Hi Ant, for a finishing tool you should put a radius on the cutting tip. Just a small one with a slipstone or a diamond file/slipstone will do although I use a fine wheel on my grinder. The radius will mean you get overlapping cuts which smooth out the finish whereas a sharp point can leave a rough looking finish as under magnification you get what appears as a series of 'grooves' (actually one long helical groove rather like a thread).

Also make sure that your tool grinding angles are correct especially the top rake and that the tool is sharp, again hone the faces with a slipstone to ensure the best edge possible with no grinding marks.

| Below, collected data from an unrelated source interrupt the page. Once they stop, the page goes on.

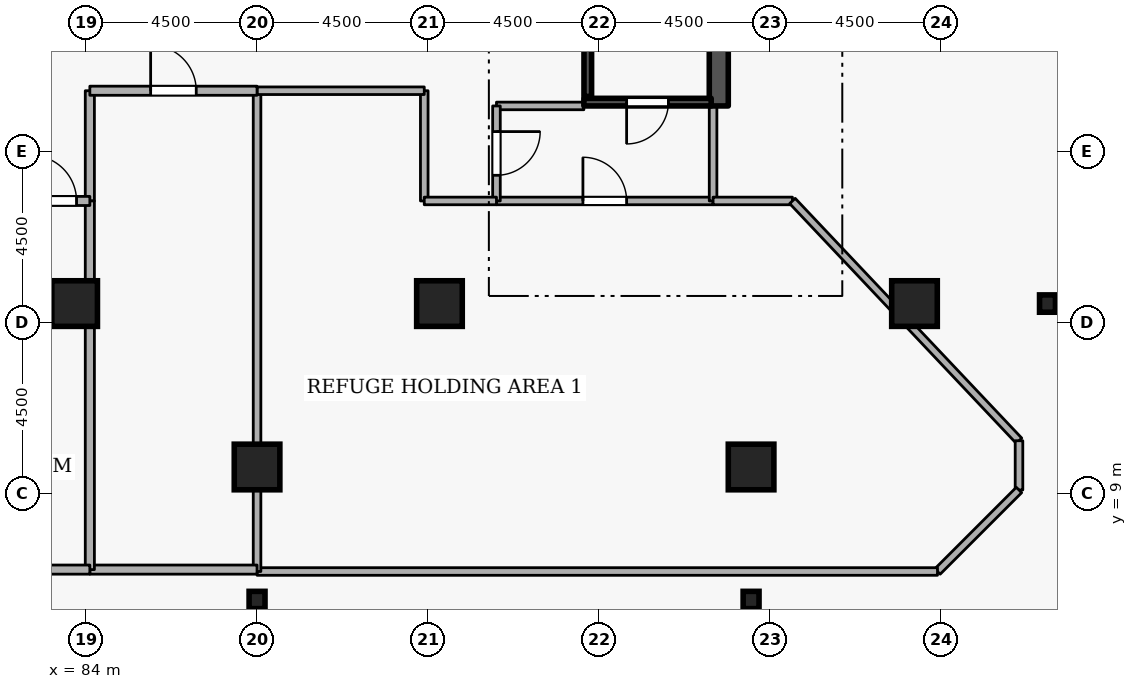
"""IFC4 building model, lengths in metres.
Left out: names, types, materials, properties, quantities, classifications, styles, units other than length and angle.
Written with IfcOpenShell. Run it as: python <this file> out.ifc"""

import sys

from ifc_helpers import new_model, si_unit, direction, frame, frame_2d, origin, origin_2d, place, context, subcontext, project, spatial, rectangle, i_section, extrude, element, fill, save


model = new_model("IFC4")
c1 = context("Model", 3, precision=1e-05, world=origin(), true_north=direction((0.0, 1.0)))
c2 = subcontext(c1, "Body", "Model", "MODEL_VIEW")
j1 = project(units=[si_unit("LENGTHUNIT", "METRE"), si_unit("PLANEANGLEUNIT", "RADIAN")], contexts=[c1])
p1 = place(None, origin())
s1 = spatial("IfcSite", under=j1, at=p1, CompositionType="ELEMENT")
p2 = place(p1, origin())
s2 = spatial("IfcBuilding", under=s1, at=p2, CompositionType="ELEMENT")
p3 = place(p2, frame((0.0, 0.0, 141.3)))
s3 = spatial("IfcBuildingStorey", under=s2, at=p3, CompositionType="ELEMENT", Elevation=141.3)
p4 = place(p3, frame((100.65, 19.2, 0.0), z_axis=(0.0, 0.0, 1.0), x_axis=(0.0, 1.0, 0.0)))
e1 = element("IfcWall", 1, at=p4, inside=s3, PredefinedType="SHEAR", context=c2, shape_type="SweptSolid", body=[
    extrude(rectangle(XDim=15.6, YDim=0.5, at=frame_2d((7.8, 0.0))), origin(), (0.0, 0.0, 1.0), 4.2),
])
for number, where, z_axis, x_axis in (
    (2, (105.8, 14.0, 0.0), (0.0, 0.0, 1.0), (1.0, 0.0, 0.0)),
    (3, (101.5, 9.7, 0.0), (0.0, 0.0, 1.0), (1.0, 0.0, 0.0)),
    (4, (88.5, 9.7, 0.0), (0.0, 0.0, 1.0), (1.0, 0.0, 0.0)),
    (5, (93.3, 14.0, 0.0), (0.0, 0.0, 1.0), (1.0, 0.0, 0.0)),
    (6, (83.7, 14.0, 0.0), (0.0, 0.0, 1.0), (1.0, 0.0, 0.0)),
):
    element("IfcColumn", number, at=place(p3, frame(where, z_axis=z_axis, x_axis=x_axis)), inside=s3, PredefinedType="COLUMN", context=c2, shape_type="SweptSolid", body=[
        extrude(rectangle(XDim=1.2, YDim=1.2, at=origin_2d()), origin(), (0.0, 0.0, 1.0), 4.2),
    ])
for number, where, z_axis, x_axis in (
    (7, (109.3, 14.0, 0.0), (0.0, 0.0, 1.0), (1.0, 0.0, 0.0)),
    (8, (101.5, 6.2, 0.0), (0.0, 0.0, 1.0), (1.0, 0.0, 0.0)),
    (9, (88.5, 6.2, 0.0), (0.0, 0.0, 1.0), (1.0, 0.0, 0.0)),
):
    element("IfcColumn", number, at=place(p3, frame(where, z_axis=z_axis, x_axis=x_axis)), inside=s3, PredefinedType="COLUMN", context=c2, shape_type="SweptSolid", body=[
        extrude(i_section(OverallWidth=0.418, OverallDepth=0.456, WebThickness=0.042, FlangeThickness=0.067, FilletRadius=0.015, at=origin_2d()), origin(), (0.0, 0.0, 1.0), 4.2),
    ])
p5 = place(p3, frame((100.45, 19.3, 0.0), z_axis=(0.0, 0.0, 1.0), x_axis=(-1.0, 0.0, 0.0)))
e10 = element("IfcWall", 10, at=p5, inside=s3, PredefinedType="SHEAR", context=c2, shape_type="SweptSolid", body=[
    extrude(rectangle(XDim=3.35, YDim=0.2, at=frame_2d((1.675, 0.0))), origin(), (0.0, 0.0, 1.0), 4.2),
])
p6 = place(p5, frame((1.125, 0.0, 0.0)))
e11 = element("IfcOpeningElement", 11, at=p6, cuts=e10, PredefinedType="OPENING", context=c2, shape_type="SweptSolid", body=[
    extrude(rectangle(XDim=1.1, YDim=2.1, at=frame_2d((0.55, 1.05))), frame((0.0, 0.11, 0.0), z_axis=(0.0, -1.0, 0.0), x_axis=(1.0, 0.0, 0.0)), (0.0, 0.0, 1.0), 0.22),
])
p7 = place(p3, frame((97.203, 26.55, 0.0), z_axis=(0.0, 0.0, 1.0), x_axis=(0.0, -1.0, 0.0)))
e12 = element("IfcWall", 12, at=p7, inside=s3, PredefinedType="SHEAR", context=c2, shape_type="SweptSolid", body=[
    extrude(rectangle(XDim=7.1, YDim=0.2, at=frame_2d((3.55, 0.0))), origin(), (0.0, 0.0, 1.0), 4.2),
])
p8 = place(p3, frame((94.8, 16.7, 0.0), z_axis=(0.0, 0.0, 1.0), x_axis=(1.0, 0.0, 0.0)))
e13 = element("IfcWall", 13, at=p8, inside=s3, PredefinedType="STANDARD", context=c2, shape_type="SweptSolid", body=[
    extrude(rectangle(XDim=5.7, YDim=0.2, at=frame_2d((2.85, 0.0))), origin(), (0.0, 0.0, 1.0), 3.94),
])
p9 = place(p8, frame((2.275, 0.0, 0.0)))
e14 = element("IfcOpeningElement", 14, at=p9, cuts=e13, PredefinedType="OPENING", context=c2, shape_type="SweptSolid", body=[
    extrude(rectangle(XDim=1.15, YDim=2.1, at=frame_2d((0.575, 1.05))), frame((0.0, 0.11, 0.0), z_axis=(0.0, -1.0, 0.0), x_axis=(1.0, 0.0, 0.0)), (0.0, 0.0, 1.0), 0.22),
])
p10 = place(p3, frame((100.5, 16.7, 0.0), z_axis=(0.0, 0.0, 1.0), x_axis=(0.0, 1.0, 0.0)))
e15 = element("IfcWall", 15, at=p10, inside=s3, PredefinedType="STANDARD", context=c2, shape_type="SweptSolid", body=[
    extrude(rectangle(XDim=2.5, YDim=0.2, at=frame_2d((1.25, 0.0))), origin(), (0.0, 0.0, 1.0), 3.94),
])
p11 = place(p3, frame((97.1, 19.2, 0.0), z_axis=(0.0, 0.0, 1.0), x_axis=(-1.0, 0.0, 0.0)))
e16 = element("IfcWall", 16, at=p11, inside=s3, PredefinedType="STANDARD", context=c2, shape_type="SweptSolid", body=[
    extrude(rectangle(XDim=2.3, YDim=0.2, at=frame_2d((1.15, 0.0))), origin(), (0.0, 0.0, 1.0), 3.145),
])
p12 = place(p3, frame((94.8, 19.2, 0.0), z_axis=(0.0, 0.0, 1.0), x_axis=(0.0, -1.0, 0.0)))
e17 = element("IfcWall", 17, at=p12, inside=s3, PredefinedType="STANDARD", context=c2, shape_type="SweptSolid", body=[
    extrude(rectangle(XDim=2.5, YDim=0.2, at=frame_2d((1.25, 0.0))), origin(), (0.0, 0.0, 1.0), 3.94),
])
p13 = place(p12, frame((0.675, 0.0, 0.0)))
e18 = element("IfcOpeningElement", 18, at=p13, cuts=e17, PredefinedType="OPENING", context=c2, shape_type="SweptSolid", body=[
    extrude(rectangle(XDim=1.15, YDim=2.1, at=frame_2d((0.575, 1.05))), frame((0.0, 0.11, 0.0), z_axis=(0.0, -1.0, 0.0), x_axis=(1.0, 0.0, 0.0)), (0.0, 0.0, 1.0), 0.22),
])
p14 = place(p3, frame((92.9, 19.6, 0.0), z_axis=(0.0, 0.0, 1.0), x_axis=(0.0, -1.0, 0.0)))
e19 = element("IfcWall", 19, at=p14, inside=s3, PredefinedType="STANDARD", context=c2, shape_type="SweptSolid", body=[
    extrude(rectangle(XDim=2.9, YDim=0.2, at=frame_2d((1.45, 0.0))), origin(), (0.0, 0.0, 1.0), 3.94),
])
p15 = place(p3, frame((92.9, 16.7, 0.0), z_axis=(0.0, 0.0, 1.0), x_axis=(1.0, 0.0, 0.0)))
e20 = element("IfcWall", 20, at=p15, inside=s3, PredefinedType="STANDARD", context=c2, shape_type="SweptSolid", body=[
    extrude(rectangle(XDim=1.9, YDim=0.2, at=frame_2d((0.95, 0.0))), origin(), (0.0, 0.0, 1.0), 3.94),
])
p16 = place(p3, frame((100.5, 16.7, 0.0), z_axis=(0.0, 0.0, 1.0), x_axis=(1.0, 0.0, 0.0)))
e21 = element("IfcWall", 21, at=p16, inside=s3, PredefinedType="STANDARD", context=c2, shape_type="SweptSolid", body=[
    extrude(rectangle(XDim=2.088, YDim=0.2, at=frame_2d((1.044, 0.0))), origin(), (0.0, 0.0, 1.0), 3.94),
])
p17 = place(p3, frame((102.588, 16.7, 0.0), z_axis=(0.0, 0.0, 1.0), x_axis=(0.68682667103, -0.726821246223, 0.0)))
e22 = element("IfcWall", 22, at=p17, inside=s3, PredefinedType="STANDARD", context=c2, shape_type="SweptSolid", body=[
    extrude(rectangle(XDim=8.68, YDim=0.2, at=frame_2d((4.34, 0.0))), origin(), (0.0, 0.0, 1.0), 3.94),
])
p18 = place(p3, frame((108.55, 10.391, 0.0), z_axis=(0.0, 0.0, 1.0), x_axis=(0.0, -1.0, 0.0)))
e23 = element("IfcWall", 23, at=p18, inside=s3, PredefinedType="STANDARD", context=c2, shape_type="SweptSolid", body=[
    extrude(rectangle(XDim=1.296, YDim=0.2, at=frame_2d((0.648, 0.0))), origin(), (0.0, 0.0, 1.0), 3.94),
])
p19 = place(p3, frame((108.55, 9.095, 0.0), z_axis=(0.0, 0.0, 1.0), x_axis=(-0.707106781187, -0.707106781187, 0.0)))
e24 = element("IfcWall", 24, at=p19, inside=s3, PredefinedType="STANDARD", context=c2, shape_type="SweptSolid", body=[
    extrude(rectangle(XDim=3.033, YDim=0.2, at=frame_2d((1.517, 0.0))), origin(), (0.0, 0.0, 1.0), 3.94),
])
p20 = place(p3, frame((106.405, 6.95, 0.0), z_axis=(0.0, 0.0, 1.0), x_axis=(-1.0, 0.0, 0.0)))
e25 = element("IfcWall", 25, at=p20, inside=s3, PredefinedType="STANDARD", context=c2, shape_type="SweptSolid", body=[
    extrude(rectangle(XDim=17.905, YDim=0.2, at=frame_2d((8.953, 0.0))), origin(), (0.0, 0.0, 1.0), 3.94),
])
p21 = place(p3, frame((88.5, 6.95, 0.0), z_axis=(0.0, 0.0, 1.0), x_axis=(0.0, 1.0, 0.0)))
e26 = element("IfcWall", 26, at=p21, inside=s3, PredefinedType="STANDARD", context=c2, shape_type="SweptSolid", body=[
    extrude(rectangle(XDim=12.65, YDim=0.2, at=frame_2d((6.325, 0.0))), origin(), (0.0, 0.0, 1.0), 3.325),
])
p22 = place(p3, frame((88.5, 19.6, 0.0), z_axis=(0.0, 0.0, 1.0), x_axis=(1.0, 0.0, 0.0)))
e27 = element("IfcWall", 27, at=p22, inside=s3, PredefinedType="STANDARD", context=c2, shape_type="SweptSolid", body=[
    extrude(rectangle(XDim=4.4, YDim=0.2, at=frame_2d((2.2, 0.0))), origin(), (0.0, 0.0, 1.0), 3.145),
])
p23 = place(p3, frame((84.1, 16.7, 0.0), z_axis=(0.0, 0.0, 1.0), x_axis=(0.0, 1.0, 0.0)))
e28 = element("IfcWall", 28, at=p23, inside=s3, PredefinedType="STANDARD", context=c2, shape_type="SweptSolid", body=[
    extrude(rectangle(XDim=2.9, YDim=0.24, at=frame_2d((1.45, 0.0))), origin(), (0.0, 0.0, 1.0), 3.94),
])
p24 = place(p3, frame((84.1, 19.6, 0.0), z_axis=(0.0, 0.0, 1.0), x_axis=(1.0, 0.0, 0.0)))
e29 = element("IfcWall", 29, at=p24, inside=s3, PredefinedType="STANDARD", context=c2, shape_type="SweptSolid", body=[
    extrude(rectangle(XDim=4.4, YDim=0.24, at=frame_2d((2.2, 0.0))), origin(), (0.0, 0.0, 1.0), 3.145),
])
p25 = place(p24, frame((1.6, 0.0, 0.0)))
e30 = element("IfcOpeningElement", 30, at=p25, cuts=e29, PredefinedType="OPENING", context=c2, shape_type="SweptSolid", body=[
    extrude(rectangle(XDim=1.2, YDim=2.1, at=frame_2d((0.6, 1.05))), frame((0.0, 0.13, 0.0), z_axis=(0.0, -1.0, 0.0), x_axis=(1.0, 0.0, 0.0)), (0.0, 0.0, 1.0), 0.26),
])
p26 = place(p3, frame((88.5, 7.0, 0.0), z_axis=(0.0, 0.0, 1.0), x_axis=(-1.0, 0.0, 0.0)))
e31 = element("IfcWall", 31, at=p26, inside=s3, PredefinedType="STANDARD", context=c2, shape_type="SweptSolid", body=[
    extrude(rectangle(XDim=4.4, YDim=0.24, at=frame_2d((2.2, 0.0))), origin(), (0.0, 0.0, 1.0), 3.94),
])
p27 = place(p3, frame((84.1, 7.0, 0.0), z_axis=(0.0, 0.0, 1.0), x_axis=(0.0, 1.0, 0.0)))
e32 = element("IfcWall", 32, at=p27, inside=s3, PredefinedType="STANDARD", context=c2, shape_type="SweptSolid", body=[
    extrude(rectangle(XDim=9.7, YDim=0.24, at=frame_2d((4.85, 0.0))), origin(), (0.0, 0.0, 1.0), 3.94),
])
p28 = place(p3, frame((82.2, 16.7, 0.0), z_axis=(0.0, 0.0, 1.0), x_axis=(1.0, 0.0, 0.0)))
e33 = element("IfcWall", 33, at=p28, inside=s3, PredefinedType="STANDARD", context=c2, shape_type="SweptSolid", body=[
    extrude(rectangle(XDim=1.9, YDim=0.24, at=frame_2d((0.95, 0.0))), origin(), (0.0, 0.0, 1.0), 3.94),
])
p29 = place(p28, frame((0.35, 0.0, 0.0)))
e34 = element("IfcOpeningElement", 34, at=p29, cuts=e33, PredefinedType="OPENING", context=c2, shape_type="SweptSolid", body=[
    extrude(rectangle(XDim=1.2, YDim=2.1, at=frame_2d((0.6, 1.05))), frame((0.0, 0.13, 0.0), z_axis=(0.0, -1.0, 0.0), x_axis=(1.0, 0.0, 0.0)), (0.0, 0.0, 1.0), 0.26),
])
p30 = place(p3, frame((84.1, 7.0, 0.0), z_axis=(0.0, 0.0, 1.0), x_axis=(-1.0, 0.0, 0.0)))
e35 = element("IfcWall", 35, at=p30, inside=s3, PredefinedType="STANDARD", context=c2, shape_type="SweptSolid", body=[
    extrude(rectangle(XDim=7.4, YDim=0.24, at=frame_2d((3.7, 0.0))), origin(), (0.0, 0.0, 1.0), 3.445),
])
p31 = place(p6, origin())
e36 = element("IfcDoor", 36, at=p31, inside=s3, OperationType="SINGLE_SWING_RIGHT", PredefinedType="DOOR", context=c2, shape_type="SweptSolid", body=[
    extrude(rectangle(XDim=1.1, YDim=2.1, at=frame_2d((0.55, 1.05))), frame((0.0, 0.025, 0.0), z_axis=(0.0, -1.0, 0.0), x_axis=(1.0, 0.0, 0.0)), (0.0, 0.0, 1.0), 0.05),
])
fill(e11, e36)
p32 = place(p13, origin())
e37 = element("IfcDoor", 37, at=p32, inside=s3, OperationType="SINGLE_SWING_LEFT", PredefinedType="DOOR", context=c2, shape_type="SweptSolid", body=[
    extrude(rectangle(XDim=1.15, YDim=2.1, at=frame_2d((0.575, 1.05))), frame((0.0, 0.025, 0.0), z_axis=(0.0, -1.0, 0.0), x_axis=(1.0, 0.0, 0.0)), (0.0, 0.0, 1.0), 0.05),
])
fill(e18, e37)
p33 = place(p9, origin())
e38 = element("IfcDoor", 38, at=p33, inside=s3, OperationType="SINGLE_SWING_LEFT", PredefinedType="DOOR", context=c2, shape_type="SweptSolid", body=[
    extrude(rectangle(XDim=1.15, YDim=2.1, at=frame_2d((0.575, 1.05))), frame((0.0, 0.025, 0.0), z_axis=(0.0, -1.0, 0.0), x_axis=(1.0, 0.0, 0.0)), (0.0, 0.0, 1.0), 0.05),
])
fill(e14, e38)
p34 = place(p25, origin())
e39 = element("IfcDoor", 39, at=p34, inside=s3, OperationType="SINGLE_SWING_LEFT", PredefinedType="DOOR", context=c2, shape_type="SweptSolid", body=[
    extrude(rectangle(XDim=1.2, YDim=2.1, at=frame_2d((0.6, 1.05))), frame((0.0, 0.025, 0.0), z_axis=(0.0, -1.0, 0.0), x_axis=(1.0, 0.0, 0.0)), (0.0, 0.0, 1.0), 0.05),
])
fill(e30, e39)
p35 = place(p29, origin())
e40 = element("IfcDoor", 40, at=p35, inside=s3, OperationType="SINGLE_SWING_LEFT", PredefinedType="DOOR", context=c2, shape_type="SweptSolid", body=[
    extrude(rectangle(XDim=1.2, YDim=2.1, at=frame_2d((0.6, 1.05))), frame((0.0, 0.025, 0.0), z_axis=(0.0, -1.0, 0.0), x_axis=(1.0, 0.0, 0.0)), (0.0, 0.0, 1.0), 0.05),
])
fill(e34, e40)
save(model, sys.argv[1])

DOC is an abbreviation for 'Depth Of Cut' so a 'shallow DOC' is another way of saying a 'finishing cut'.


Terry


----------



## tel (Mar 2, 2012)

Thanks blokes, it's a handy gadget, even if it doesn't get used a lot. And yes - you need a different bush for each size of stock.



> Tel,
> I gotta know. Is that a wheel keeper you are using for a tool post?
> Alan



Nope, that's just the standard ML7 toolpost clamp.


----------



## picclock (Mar 2, 2012)

Hi Antman
Just my two cents, but the tool height is very critical when you get to small diameters. I was turning some silver steel rod from 6 to 2 mm and the adjustment had to be precise (araond a thou or two). Using a fixed centre may be better as you have no bearing play (just centre drill and load with Molybdenum grease). Other point is what lubrication and tooling are you using ? For the best finish (IMHO) HSS tooling and I use lard as a cutting lubricant. Picked up the habit from an old book and it has got me the best finishes. Use a fine stone (india stone ?) on the tool edge and a small nose radius around 0.4mm. I made an electronic leadscrew control so that I can accurately set the feed rate - your mileage may vary ;D. The other point is that as stuff gets small the rigidity of everything really matters more so nice tight gibs will prevent any other untoward movement. Depending on how fine you want the finish, fine emery then toothpaste or similar will do the job.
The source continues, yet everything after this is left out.